Trust me: you do not want to go down this road with me

Question

• Every cell has a digit from 0 to 9 or one of the four operation symbols +, −, ×, and /, signifying addition, subtraction, multiplication, and division respectively.
• No digit appears more than once in a row. No digit appears more than once in a column.
• Reading across each row, with adjacent digits concatenated into a multidigit number, the arithmetic expression yields 24.
• No + or 0 is superfluous to its arithmetic expression (e.g. at the beginning of a row). Similarly, no two operation symbols are next to one another in the same row.
• There are bold lines outlining some areas that we'll call cages.
• Each cage contains (possibly multiple copies of) + or ×, but does not contain both of those.
• Each cage's digits (not concatenated but taken one at a time), combined via + or × (whichever appears in it), yields 24.
• All the −, /, and 1 symbols are placed to get you started, as are two additional symbols.

Answer 1

The filled grid:

For a start there is only room for two numbers in the middle left cage. The only way to get to 24 here is by multiplication. Because of given operators this can only be in one position.

Now in row 5 the first multiplication leads to a negative number, to get to a positive value there needs to be a plus in this row. To compensate for the negative and get to 24 we need at least 2 digits after the plus fixing its position.

If the top right cage would contain an x multiplication of the number in it would always lead to a number higher than 24. Therefore it can only contain + and -. With the digits already placed there is only one way they can go there. Then the first digit in the 3rd row has to be either 2 or 4 (all 1s are already given, already a 3 in the row and with the numbers present a number in the 50s or higher would give a row sum that is too large). Because of this the topleft cage has to be a multiplication cage with only one place for the x.

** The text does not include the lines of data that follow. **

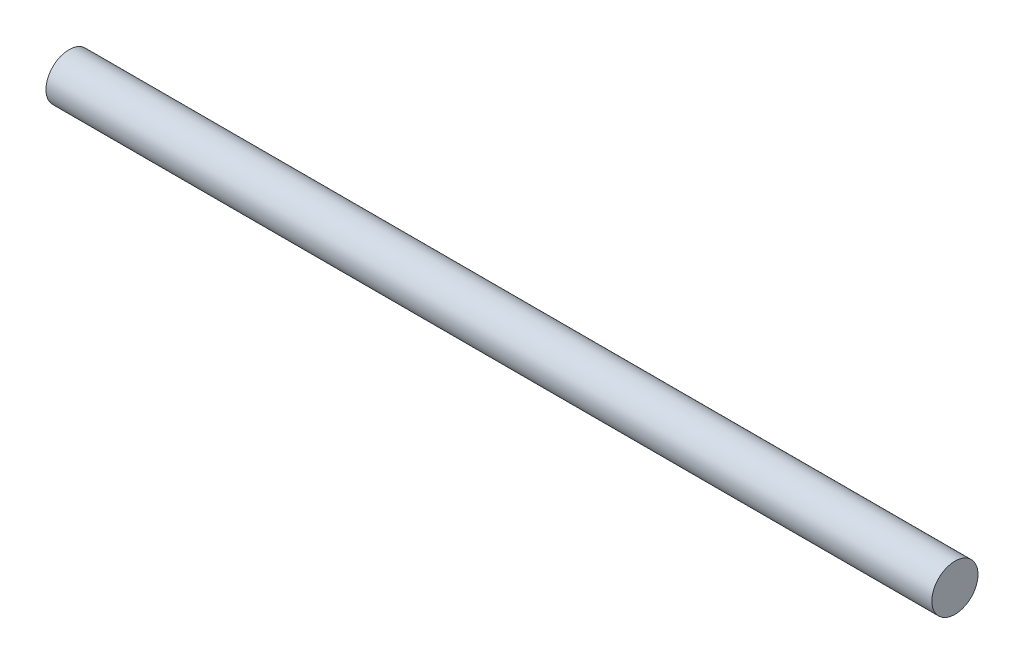
from build123d import *

# Parameters (mm, degrees)
ROD_PROFILE_5_R = 2.5
ROD_5X96_DEPTH  = 96


with BuildPart() as part:
    # Rod Profile Ø5 → Rod Ø5x96 (new body)
    with BuildSketch(Plane(origin=(0, 0, 0), x_dir=(0, 0, -1), z_dir=(1, 0, 0))):
        Circle(ROD_PROFILE_5_R)
    extrude(amount=ROD_5X96_DEPTH)


solid = part.part
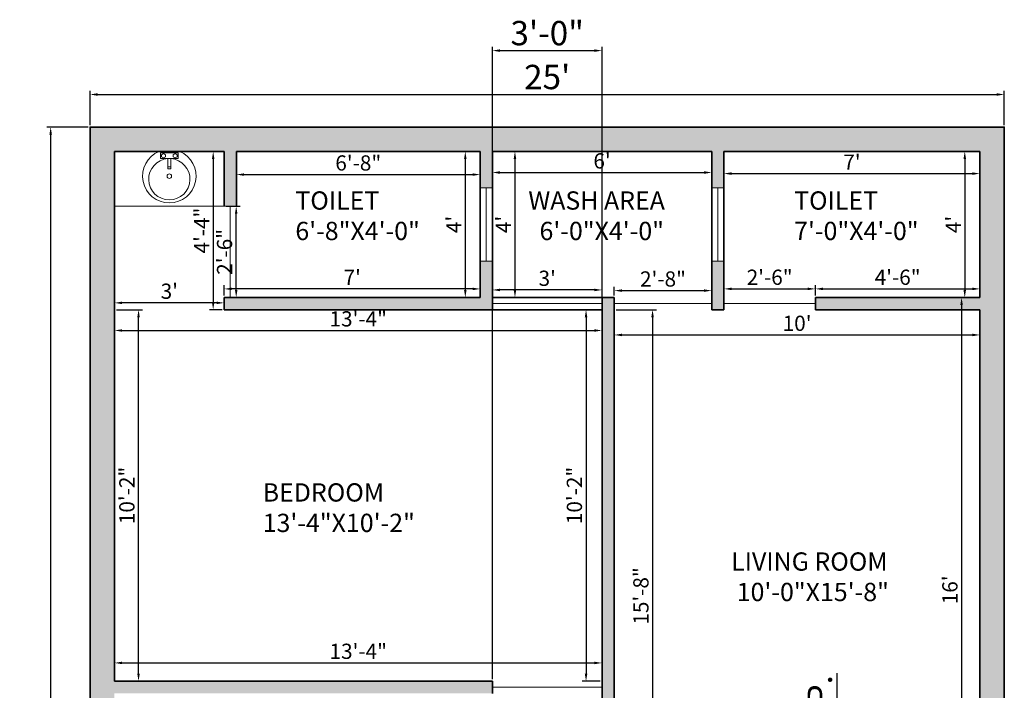
# Model space of a CAD drawing. Units: inches. Extents: x 3259 to 4981, y 1402 to 2026.
# Tile 9 of 11: x 4265 to 4588, y 1722 to 1942. Entities that reach past the tile are written whole.
import ezdxf

# ---------------------------------------------------------------- set-up
doc = ezdxf.new("R2010")
doc.units = ezdxf.units.IN
for name, color, linetype, lineweight in [('A-ANNO-DIMS', 2, 'Continuous', 13), ('A-AREA-IDEN', 7, 'Continuous', 18), ('A-DOOR', 3, 'Continuous', 18), ('A-FLOR-CASE', 8, 'Continuous', 18), ('A-FLOR-FIXT', 9, 'Continuous', 18), ('A-GLAZ', 4, 'Continuous', 18), ('A-WALL', 7, 'Continuous', 35), ('A-WALL-PATT', 252, 'Continuous', 13)]:
    doc.layers.add(name, color=color, linetype=linetype, lineweight=lineweight)
doc.styles.get("Standard").update_dxf_attribs({"font": 'arial.ttf'})
doc.dimstyles.new('ISO-25', dxfattribs={"dimtxt": 8, "dimasz": 2.5, "dimexe": 1.25, "dimexo": 0.625, "dimtad": 1, "dimdec": 1, "dimlunit": 3, "dimtxsty": 'Standard', "dimcen": 2.5, "dimclrd": 4, "dimclre": 4, "dimclrt": 1, "dimadec": 0, "dimazin": 0, "dimtfac": 1, "dimtdec": 1, "dimtmove": 0, "dimatfit": 3, "dimfxl": 1, "dimarcsym": 0})

# ---------------------------------------------------------------- blocks, each defined once
blk = doc.blocks.new('M_BATH_BASIN_Basin - Oval_P')
at = {"color": 0, "linetype": 'ByBlock', "lineweight": -2}
blk.add_lwpolyline([(0, 89.5, -5.027337), (0, -89.5)], format="xyb", close=True, dxfattribs=at)
blk.add_lwpolyline([(63.2, 12, -30), (63.2, -12, -1.097889)], format="xyb", dxfattribs=at)
for points in [[(13.2, -76.2), (13.2, 76.2), (63.2, 76.2), (63.2, -76.2)], [(19.1, 50.8), (28.7, 67.3), (47.7, 67.3), (57.2, 50.8), (47.7, 34.3), (28.7, 34.3)]]:
    blk.add_lwpolyline(points, close=True, dxfattribs=at)
for points in [[(63.2, 12), (151.6, 12), (151.6, -12), (63.2, -12)], [(134.3, 12), (134.3, -12)], [(28.7, -34.3), (47.7, -34.3), (57.2, -50.8), (47.7, -67.3), (28.7, -67.3), (19.1, -50.8), (28.7, -34.3)]]:
    blk.add_lwpolyline(points, dxfattribs=at)
blk.add_circle((216.2, 0), 20.1, dxfattribs=at)
at = {"layer": 'Defpoints'}
for p in [(0, 234), (0, -234)]:
    blk.add_point(p, dxfattribs=at)
blk = doc.blocks.new('*D83')
at = {"layer": 'A-ANNO-DIMS', "color": 0, "lineweight": -2, "transparency": 16777216}
for p, q in [((4288.33, 1907.74), (4288.33, 1919.06)), ((4290.83, 1917.81), (4585.83, 1917.81)), ((4588.33, 1907.74), (4588.33, 1919.06))]:
    blk.add_line(p, q, dxfattribs=at)
at = {"layer": 'A-ANNO-DIMS', "color": 0, "transparency": 16777216}
for points in [[(4290.83, 1918.23), (4290.83, 1917.39), (4288.33, 1917.81)], [(4585.83, 1918.23), (4585.83, 1917.39), (4588.33, 1917.81)]]:
    blk.add_solid(points, dxfattribs=at)
at = {"layer": 'Defpoints', "color": 0, "transparency": 16777216}
for p in [(4588.33, 1917.81), (4288.33, 1907.12), (4588.33, 1907.12)]:
    blk.add_point(p, dxfattribs=at)
at = {"layer": 'A-ANNO-DIMS', "color": 0, "transparency": 16777216, "insert": (4438.33, 1922.52), "char_height": 8, "attachment_point": 5}
blk.add_mtext("25'", dxfattribs=at)
blk = doc.blocks.new('*D84')
at = {"layer": 'A-ANNO-DIMS', "color": 0, "lineweight": -2, "transparency": 16777216}
for p, q in [((4287.71, 1907.12), (4274.14, 1907.12)), ((4275.39, 1904.62), (4275.39, 1477.62)), ((4287.71, 1475.12), (4274.14, 1475.12))]:
    blk.add_line(p, q, dxfattribs=at)
at = {"layer": 'A-ANNO-DIMS', "color": 0, "transparency": 16777216}
for points in [[(4274.97, 1904.62), (4275.81, 1904.62), (4275.39, 1907.12)], [(4274.97, 1477.62), (4275.81, 1477.62), (4275.39, 1475.12)]]:
    blk.add_solid(points, dxfattribs=at)
at = {"layer": 'Defpoints', "color": 0, "transparency": 16777216}
for p in [(4288.33, 1907.12), (4275.39, 1475.12), (4288.33, 1475.12)]:
    blk.add_point(p, dxfattribs=at)
at = {"layer": 'A-ANNO-DIMS', "color": 0, "transparency": 16777216, "insert": (4270.68, 1691.12), "char_height": 8, "attachment_point": 5, "rotation": 90}
blk.add_mtext("36'", dxfattribs=at)
blk = doc.blocks.new('*D79')
at = {"layer": 'A-ANNO-DIMS', "color": 0, "lineweight": -2, "transparency": 16777216}
for p, q in [((4580.33, 1846.49), (4580.33, 1837.58)), ((4460.33, 1843.37), (4460.33, 1837.58)), ((4462.83, 1838.83), (4577.83, 1838.83))]:
    blk.add_line(p, q, dxfattribs=at)
at = {"layer": 'A-ANNO-DIMS', "color": 0, "transparency": 16777216}
for points in [[(4462.83, 1839.25), (4462.83, 1838.42), (4460.33, 1838.83)], [(4577.83, 1839.25), (4577.83, 1838.42), (4580.33, 1838.83)]]:
    blk.add_solid(points, dxfattribs=at)
at = {"layer": 'Defpoints', "color": 0, "transparency": 16777216}
for p in [(4580.33, 1847.12), (4460.33, 1844), (4580.33, 1838.83)]:
    blk.add_point(p, dxfattribs=at)
at = {"layer": 'A-ANNO-DIMS', "color": 0, "transparency": 16777216, "insert": (4520.33, 1842.01), "char_height": 5, "attachment_point": 5}
blk.add_mtext("10'", dxfattribs=at)
blk = doc.blocks.new('*D80')
at = {"layer": 'A-ANNO-DIMS', "color": 0, "lineweight": -2, "transparency": 16777216}
for p, q in [((4460.96, 1847.12), (4474.15, 1847.12)), ((4472.9, 1844.62), (4472.9, 1661.62)), ((4460.96, 1659.12), (4474.15, 1659.12))]:
    blk.add_line(p, q, dxfattribs=at)
at = {"layer": 'A-ANNO-DIMS', "color": 0, "transparency": 16777216}
for points in [[(4472.49, 1844.62), (4473.32, 1844.62), (4472.9, 1847.12)], [(4472.49, 1661.62), (4473.32, 1661.62), (4472.9, 1659.12)]]:
    blk.add_solid(points, dxfattribs=at)
at = {"layer": 'Defpoints', "color": 0, "transparency": 16777216}
for p in [(4460.33, 1847.12), (4460.33, 1659.12), (4472.9, 1659.12)]:
    blk.add_point(p, dxfattribs=at)
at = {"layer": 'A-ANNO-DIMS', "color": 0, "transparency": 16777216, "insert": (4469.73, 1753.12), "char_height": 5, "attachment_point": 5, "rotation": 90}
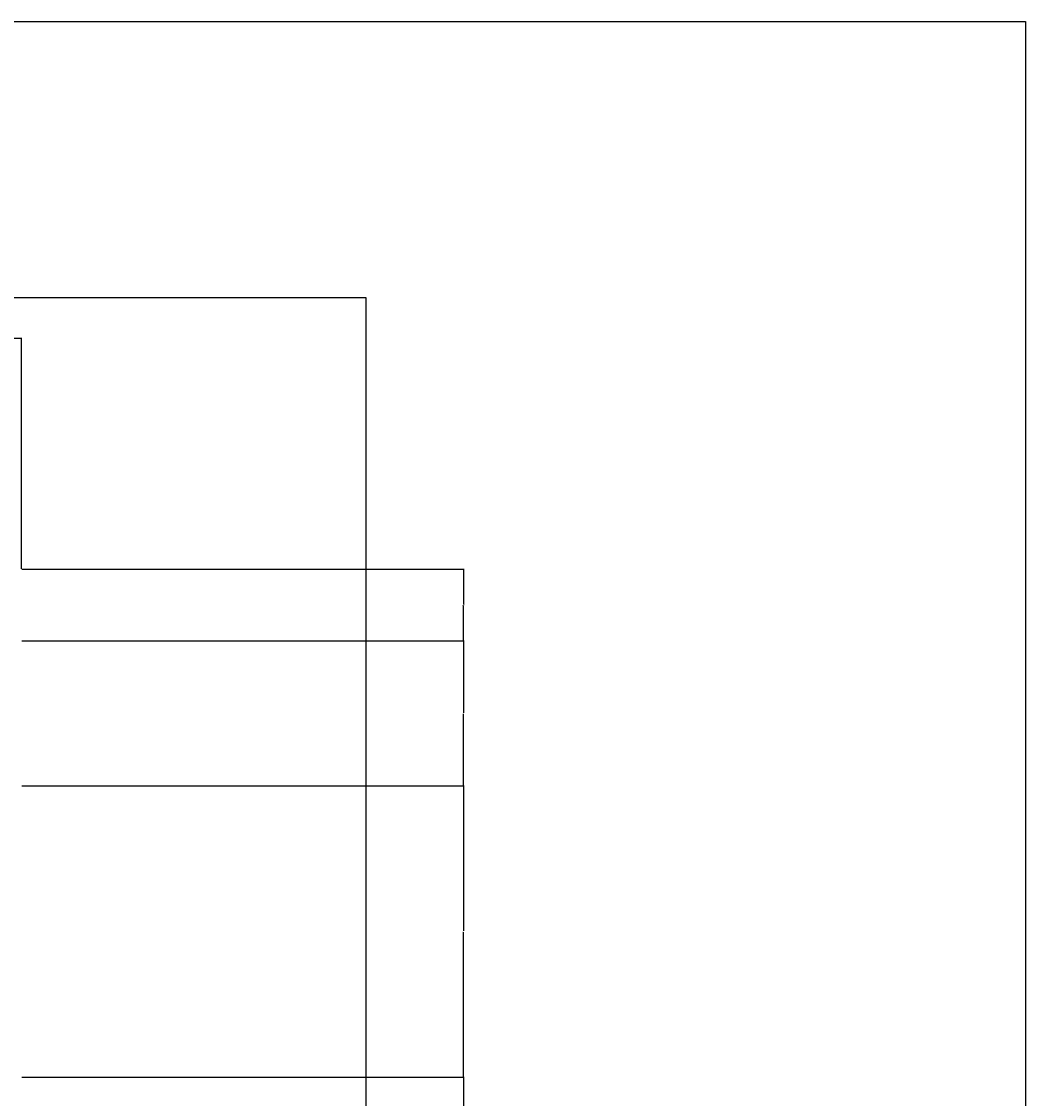
# Model space of a CAD drawing. Units: inches. Extents: x 1770 to 2988, y 1161 to 3221.
# Tile 44 of 44: x 2655 to 2988, y 2865 to 3221. Entities that reach past the tile are written whole.
import ezdxf

# ---------------------------------------------------------------- set-up
doc = ezdxf.new("R2010")
doc.units = ezdxf.units.IN
doc.layers.add('A-ANNO-DIMS', color=2, linetype='Continuous', lineweight=18)
doc.layers.add('A-ANNO-TTLB', color=7, linetype='Continuous', lineweight=25)
doc.styles.get("Standard").update_dxf_attribs({"font": 'arial.ttf'})
doc.dimstyles.get("Standard").update_dxf_attribs({"dimtxt": 0.18, "dimasz": 0.18, "dimexe": 0.18, "dimexo": 0.0625, "dimgap": 0.09, "dimtad": 0, "dimtih": 1, "dimtoh": 1, "dimdec": 4, "dimzin": 0, "dimdsep": 46, "dimtxsty": 'Standard', "dimcen": 0.09, "dimadec": 0, "dimazin": 0, "dimtfac": 1, "dimtdec": 4, "dimtofl": 0, "dimtmove": 0, "dimatfit": 3, "dimfxl": 1, "dimtolj": 1, "dimtzin": 0, "dimarcsym": 0})

# ---------------------------------------------------------------- blocks, each defined once
blk = doc.blocks.new('*D99')
at = {"layer": 'A-ANNO-DIMS', "color": 0, "lineweight": -2, "transparency": 16777216}
for p, q in [((2655.51, 2871.79), (2801.91, 2871.79)), ((2801.73, 2871.61), (2801.73, 2857.23)), ((2801.73, 2842.48), (2801.73, 2856.86)), ((2655.51, 2842.3), (2801.91, 2842.3))]:
    blk.add_line(p, q, dxfattribs=at)
at = {"layer": 'A-ANNO-DIMS', "color": 0, "transparency": 16777216}
for points in [[(2801.7, 2871.61), (2801.76, 2871.61), (2801.73, 2871.79)], [(2801.7, 2842.48), (2801.76, 2842.48), (2801.73, 2842.3)]]:
    blk.add_solid(points, dxfattribs=at)
at = {"layer": 'Defpoints', "color": 0, "transparency": 16777216}
for p in [(2655.44, 2871.79), (2801.73, 2871.79), (2655.44, 2842.3)]:
    blk.add_point(p, dxfattribs=at)
at = {"layer": 'A-ANNO-DIMS', "color": 0, "transparency": 16777216, "insert": (2801.73, 2857.05), "char_height": 0.18, "attachment_point": 5}
blk.add_mtext('\\A1;29.5', dxfattribs=at)
blk = doc.blocks.new('*D100')
at = {"layer": 'A-ANNO-DIMS', "color": 0, "lineweight": -2, "transparency": 16777216}
for p, q in [((2655.51, 2968.3), (2801.91, 2968.3)), ((2801.73, 2968.12), (2801.73, 2920.23)), ((2801.73, 2871.97), (2801.73, 2919.86)), ((2655.51, 2871.79), (2801.91, 2871.79))]:
    blk.add_line(p, q, dxfattribs=at)
at = {"layer": 'A-ANNO-DIMS', "color": 0, "transparency": 16777216}
for points in [[(2801.7, 2968.12), (2801.76, 2968.12), (2801.73, 2968.3)], [(2801.7, 2871.97), (2801.76, 2871.97), (2801.73, 2871.79)]]:
    blk.add_solid(points, dxfattribs=at)
at = {"layer": 'Defpoints', "color": 0, "transparency": 16777216}
for p in [(2655.44, 2968.3), (2801.73, 2968.3), (2655.44, 2871.79)]:
    blk.add_point(p, dxfattribs=at)
at = {"layer": 'A-ANNO-DIMS', "color": 0, "transparency": 16777216, "insert": (2801.73, 2920.05), "char_height": 0.18, "attachment_point": 5}
blk.add_mtext('\\A1;96.5', dxfattribs=at)
blk = doc.blocks.new('*D101')
at = {"layer": 'A-ANNO-DIMS', "color": 0, "lineweight": -2, "transparency": 16777216}
for p, q in [((2655.51, 3016.3), (2801.91, 3016.3)), ((2801.73, 3016.12), (2801.73, 2992.48)), ((2801.73, 2968.48), (2801.73, 2992.11)), ((2655.51, 2968.3), (2801.91, 2968.3))]:
    blk.add_line(p, q, dxfattribs=at)
at = {"layer": 'A-ANNO-DIMS', "color": 0, "transparency": 16777216}
for points in [[(2801.7, 3016.12), (2801.76, 3016.12), (2801.73, 3016.3)], [(2801.7, 2968.48), (2801.76, 2968.48), (2801.73, 2968.3)]]:
    blk.add_solid(points, dxfattribs=at)
at = {"layer": 'Defpoints', "color": 0, "transparency": 16777216}
for p in [(2655.44, 3016.3), (2801.73, 3016.3), (2655.44, 2968.3)]:
    blk.add_point(p, dxfattribs=at)
at = {"layer": 'A-ANNO-DIMS', "color": 0, "transparency": 16777216, "insert": (2801.73, 2992.3), "char_height": 0.18, "attachment_point": 5}
blk.add_mtext('\\A1;48', dxfattribs=at)
blk = doc.blocks.new('*D102')
at = {"layer": 'A-ANNO-DIMS', "color": 0, "lineweight": -2, "transparency": 16777216}
for p, q in [((2655.51, 3040.02), (2801.91, 3040.02)), ((2801.73, 3039.84), (2801.73, 3028.34)), ((2801.73, 3016.48), (2801.73, 3027.98)), ((2655.51, 3016.3), (2801.91, 3016.3))]:
    blk.add_line(p, q, dxfattribs=at)
at = {"layer": 'A-ANNO-DIMS', "color": 0, "transparency": 16777216}
for points in [[(2801.7, 3039.84), (2801.76, 3039.84), (2801.73, 3040.02)], [(2801.7, 3016.48), (2801.76, 3016.48), (2801.73, 3016.3)]]:
    blk.add_solid(points, dxfattribs=at)
at = {"layer": 'Defpoints', "color": 0, "transparency": 16777216}
for p in [(2655.44, 3040.02), (2801.73, 3040.02), (2655.44, 3016.3)]:
    blk.add_point(p, dxfattribs=at)
at = {"layer": 'A-ANNO-DIMS', "color": 0, "transparency": 16777216, "insert": (2801.73, 3028.16), "char_height": 0.18, "attachment_point": 5}
blk.add_mtext('\\A1;23.723', dxfattribs=at)
blk = doc.blocks.new('*D109')
at = {"layer": 'A-ANNO-DIMS', "color": 0, "lineweight": -2, "transparency": 16777216}
for p, q in [((2602.49, 3040.08), (2602.49, 3116.56)), ((2602.67, 3116.38), (2628.57, 3116.38)), ((2655.26, 3116.38), (2629.36, 3116.38)), ((2655.44, 3040.08), (2655.44, 3116.56))]:
    blk.add_line(p, q, dxfattribs=at)
at = {"layer": 'A-ANNO-DIMS', "color": 0, "transparency": 16777216}
for points in [[(2602.67, 3116.41), (2602.67, 3116.35), (2602.49, 3116.38)], [(2655.26, 3116.41), (2655.26, 3116.35), (2655.44, 3116.38)]]:
    blk.add_solid(points, dxfattribs=at)
at = {"layer": 'Defpoints', "color": 0, "transparency": 16777216}
for p in [(2655.44, 3116.38), (2602.49, 3040.02), (2655.44, 3040.02)]:
    blk.add_point(p, dxfattribs=at)
at = {"layer": 'A-ANNO-DIMS', "color": 0, "transparency": 16777216, "insert": (2628.96, 3116.38), "char_height": 0.18, "attachment_point": 5}
blk.add_mtext('\\A1;52.96', dxfattribs=at)

msp = doc.modelspace()

# ---------------------------------------------------------------- linework, layer by layer
at = {"layer": 'A-ANNO-TTLB'}
for points in [[(1769.9155, 3221.2788), (2987.7567, 3221.2788), (2987.7567, 1161.1516), (1769.9155, 1161.1516)], [(2073.6202, 3129.9468), (2769.3644, 3129.9468), (2769.3644, 2546.8952), (2073.6202, 2546.8952)]]:
    msp.add_lwpolyline(points, close=True, dxfattribs=at)

# ---------------------------------------------------------------- dimensions: what is measured, and where the dimension line sits
at = {"layer": 'A-ANNO-DIMS'}
dim = msp.add_linear_dim(base=(2655.443, 3116.3817), p1=(2602.4869, 3040.0203), p2=(2655.443, 3040.0203), dimstyle='Standard', override={"dimdec": 2, "dimlfac": 1, "dimrnd": 0, "dimzin": 0, "dimdsep": 46, "dimlunit": 2}, dxfattribs=at)
dim.commit()
dim.dimension.update_dxf_attribs({"geometry": '*D109', "text_midpoint": (2628.9649, 3116.3817)})
for base, p1, p2, override, picture, middle in [((2801.7346, 3040.0203), (2655.443, 3016.2969), (2655.443, 3040.0203), {"dimdec": 3, "dimlfac": 1, "dimrnd": 0, "dimzin": 0, "dimdsep": 46, "dimlunit": 2}, '*D102', (2801.7346, 3028.1586)), ((2801.7346, 3016.2969), (2655.443, 2968.2969), (2655.443, 3016.2969), {"dimdec": 0, "dimlfac": 1, "dimrnd": 0, "dimzin": 0, "dimdsep": 46, "dimlunit": 2}, '*D101', (2801.7346, 2992.2969)), ((2801.7346, 2968.2969), (2655.443, 2871.7944), (2655.443, 2968.2969), {"dimdec": 1, "dimlfac": 1, "dimrnd": 0, "dimzin": 0, "dimdsep": 46, "dimlunit": 2}, '*D100', (2801.7346, 2920.0456)), ((2801.7346, 2871.7944), (2655.443, 2842.2969), (2655.443, 2871.7944), {"dimdec": 1, "dimlfac": 1, "dimrnd": 0, "dimzin": 0, "dimdsep": 46, "dimlunit": 2}, '*D99', (2801.7346, 2857.0456))]:
    dim = msp.add_linear_dim(base=base, p1=p1, p2=p2, angle=90, dimstyle='Standard', override=override, dxfattribs=at)
    dim.commit()
    dim.dimension.update_dxf_attribs({"geometry": picture, "text_midpoint": middle})

doc.saveas('drawing.dxf')

The middle left cage only has two positions for numbers, so this one has to be a multiplication cage as well. Since 2, 3, 4 are already in the first column, some simple deductions can be made here. The same holds for the right middle cage. However here the digit in row three has to be 6 or 8 to assure division from 1.. by it gives a value in the 20s.

The digit in row 3 column 1 cannot be 3 since if it were three the completed expression for the row would either contain a double 6 or a double 8. This fixes the 3 at row 1 column 1. The sum of the digits in the middle cage cannot go over 24. Because of this the sum of the digits in the expression in row 3 has to stay low. The only way to achieve this from the remaining options here is as in the image below.

Things start falling into place now. Both row 4 and 5 can only be completed in a single way.

The second row can now only be completed in one way and after that because the sum of the remaining digits in the top right cage is known also the first row can only be completed in one way.

Because the 4th and the 7th column are very much restricted now, this leads to one single way to fill row 6. This leads to a set of options for each of the digits in row 7. I found the solution here by playing around with these options. There might be a nicer way here.